Sejumlah gejala yang perlu diwaspadai antara lain demam lebih dari 38 derajat celsius, batuk, sakit kepala, nyeri pada otot, nyeri tenggorokan, pilek atau hidung tersumbat, anoreksia, mual dan muntah, diare, serta penurunan kesadaran. Selain itu, gejala lainnya seperti anosmia atau kehilangan kemampuan indera penciuman, ageusia atau kehilangan kemampuan indera perasa, serta keluhan lain terkait dengan kesehatan jiwa dan psikososial.
Baca juga : Penularan di Tegal Meluas karena Warga Tak Disiplin Saat Isolasi Mandiri
Dalam kondisi normal, frekuensi napas seseorang sekitar 12-20 kali per menit. Sementara untuk saturasi oksigen lebih dari 95 persen. Kondisi demam, frekuensi napas, serta saturasi oksigen ini perlu diperiksa setidaknya dua kali sehari pada pagi dan malam hari. Jika demam lebih dari 38 derajat celsius, frekuensi napas lebih dari 20 kali per menit, dan saturasi oksigen kurang dari 95 persen, segera lapor dan hubungi petugas kesehatan agar segera mendapatkan tindak lanjut.
Oleh karena itu, ketika melakukan isolasi mandiri, sebaiknya menyediakan termometer dan oksimeter. Apabila tidak tersedia, pemeriksaan bisa dilakukan oleh tenaga kesehatan yang berada di fasilitas kesehatan terdekat.
”Masyarakat diharapkan tidak panik, tetapi tetap waspada. Segera hubungi fasilitas pelayanan kesehatan terdekat jika gejala semakin memburuk, seperti sesak napas dan demam tinggi, agar tidak terlambat ditangani,” tutur Kartini.
Ia menambahkan, hal lain yang tidak kalah penting adalah mengelola masker bekas pakai yang bisa menjadi sumber penularan. Masker medis digunakan maksimal enam jam dan harus segera diganti. Setelah digunakan, sebaiknya kumpulkan masker bekas pakai di tempat tertentu.

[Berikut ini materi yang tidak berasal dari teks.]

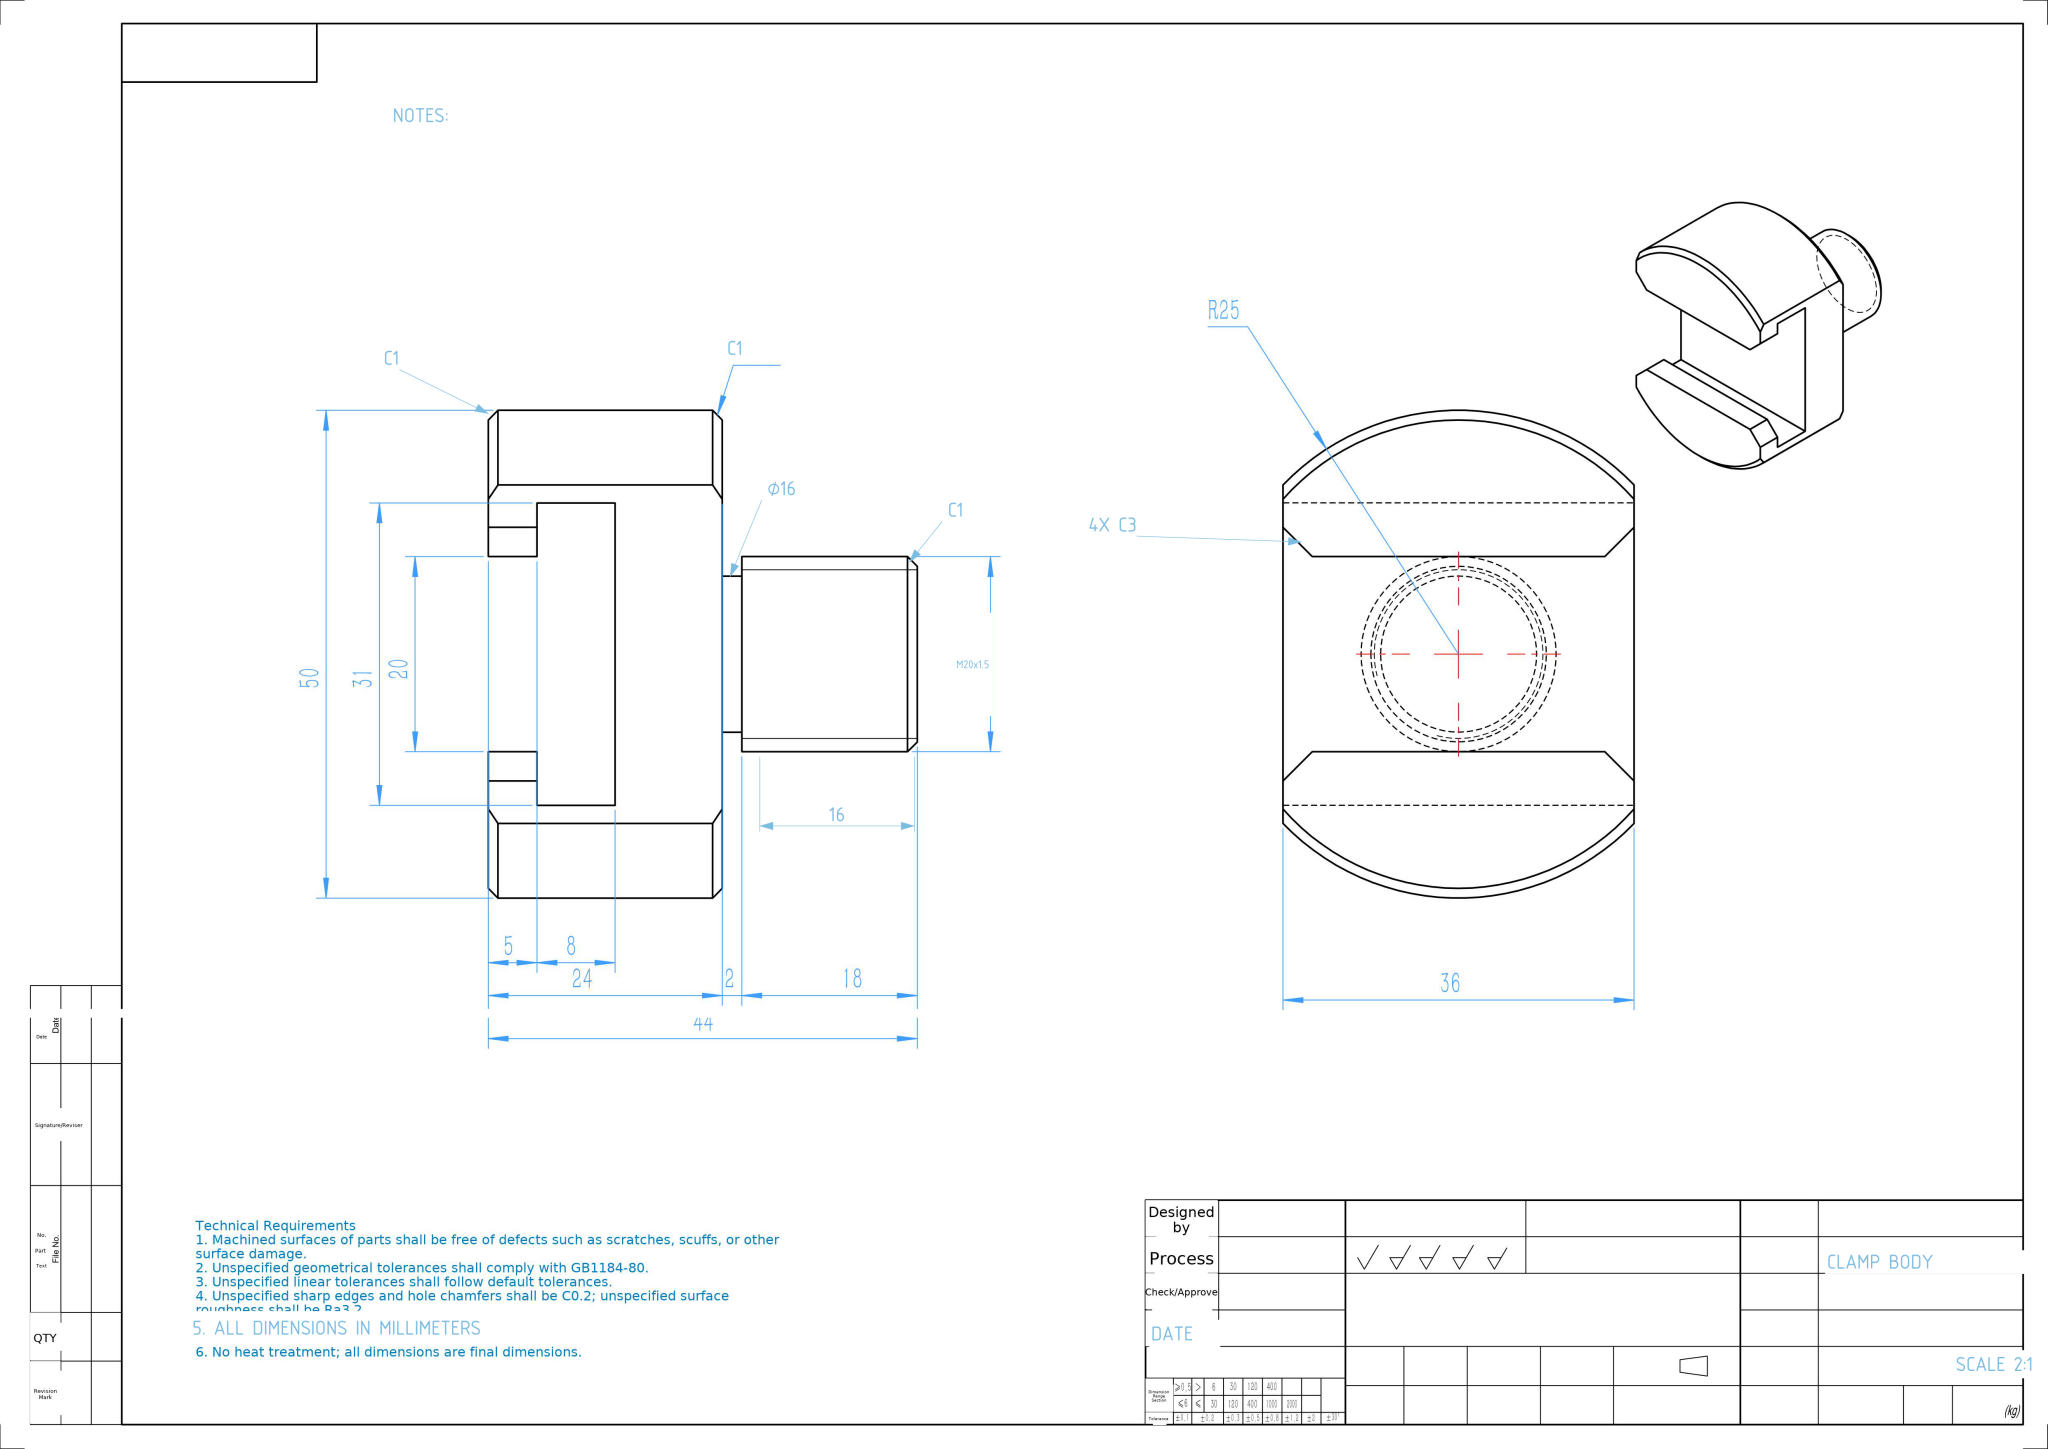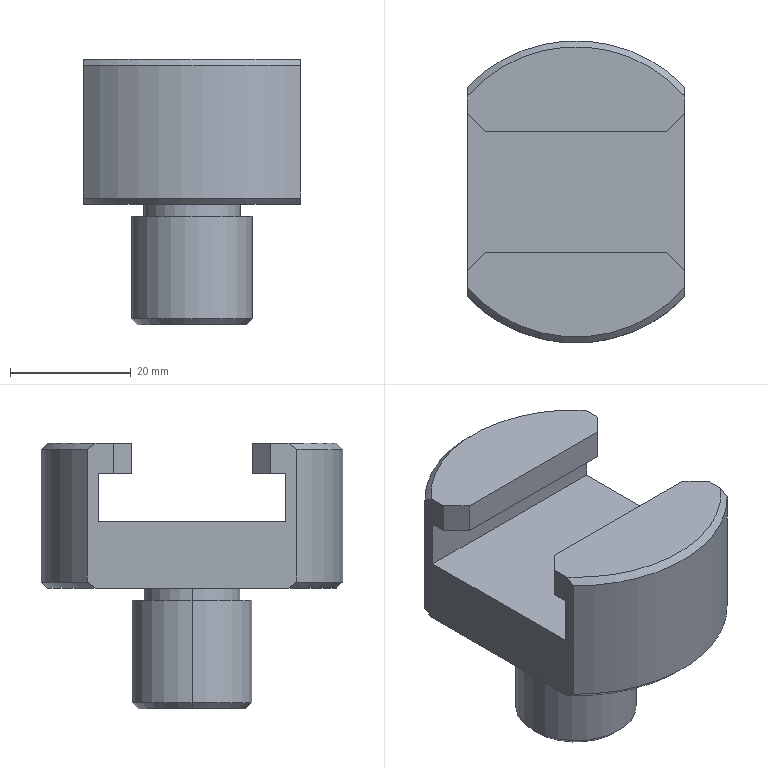Part | NX | mm | 1 solid | 30 faces | box 36 x 50 x 44 mm | volume 32432 mm3 | plane 18 | cylinder 6 | cone 6 | commonest cylinder face diameters 20 x2 16 x2 50 x2
STEP:
#1=CARTESIAN_POINT('',(10.,0.,-19.));
#2=VERTEX_POINT('',#1);
#3=CARTESIAN_POINT('',(-10.,0.,-19.));
#4=VERTEX_POINT('',#3);
#5=CARTESIAN_POINT('',(0.,0.,-19.));
#6=DIRECTION('',(0.,0.,1.));
#7=DIRECTION('',(-1.,0.,0.));
#8=AXIS2_PLACEMENT_3D('',#5,#6,#7);
#9=CIRCLE('',#8,10.);
#10=EDGE_CURVE('',#2,#4,#9,.T.);
#11=ORIENTED_EDGE('',*,*,#10,.T.);
#12=CARTESIAN_POINT('',(-10.,0.,-2.));
#13=VERTEX_POINT('',#12);
#14=CARTESIAN_POINT('',(-10.,0.,-20.));
#15=DIRECTION('',(0.,0.,1.));
#16=VECTOR('',#15,1000.);
#17=LINE('',#14,#16);
#18=EDGE_CURVE('',#4,#13,#17,.T.);
#19=ORIENTED_EDGE('',*,*,#18,.T.);
#20=CARTESIAN_POINT('',(10.,0.,-2.));
#21=VERTEX_POINT('',#20);
#22=CARTESIAN_POINT('',(0.,0.,-2.));
#23=DIRECTION('',(0.,0.,-1.));
#24=DIRECTION('',(-1.,0.,0.));
#25=AXIS2_PLACEMENT_3D('',#22,#23,#24);
#26=CIRCLE('',#25,10.);
#27=EDGE_CURVE('',#13,#21,#26,.T.);
#28=ORIENTED_EDGE('',*,*,#27,.T.);
#29=CARTESIAN_POINT('',(10.,0.,-20.));
#30=DIRECTION('',(0.,0.,1.));
#31=VECTOR('',#30,1000.);
#32=LINE('',#29,#31);
#33=EDGE_CURVE('',#2,#21,#32,.T.);
#34=ORIENTED_EDGE('',*,*,#33,.F.);
#35=EDGE_LOOP('',(#11,#19,#28,#34));
#36=FACE_OUTER_BOUND('',#35,.T.);
#37=CARTESIAN_POINT('',(0.,0.,-20.));
#38=DIRECTION('',(0.,0.,1.));
#39=DIRECTION('',(1.,0.,0.));
#40=AXIS2_PLACEMENT_3D('',#37,#38,#39);
#41=CYLINDRICAL_SURFACE('',#40,10.);
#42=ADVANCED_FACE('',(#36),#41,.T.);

Kemudian, lakukan disinfeksi pada masker yang sudah terkumpul dengan cara merendam masker menggunakan larutan disinfektan atau klorin. Masker tersebut sebaiknya digunting atau dirobek di bagian tengah untuk menghindari digunakan kembali oleh orang yang tidak bertanggung jawab.
Baca juga : Pandemi Sampah Masker
Untuk proses pembuangan, satukan masker bekas tersebut ke dalam plastik bening agar mudah dikenali oleh petugas pembuang sampah. Cuci tangan dengan sabun dan air mengalir setelah membuang limbah masker tersebut.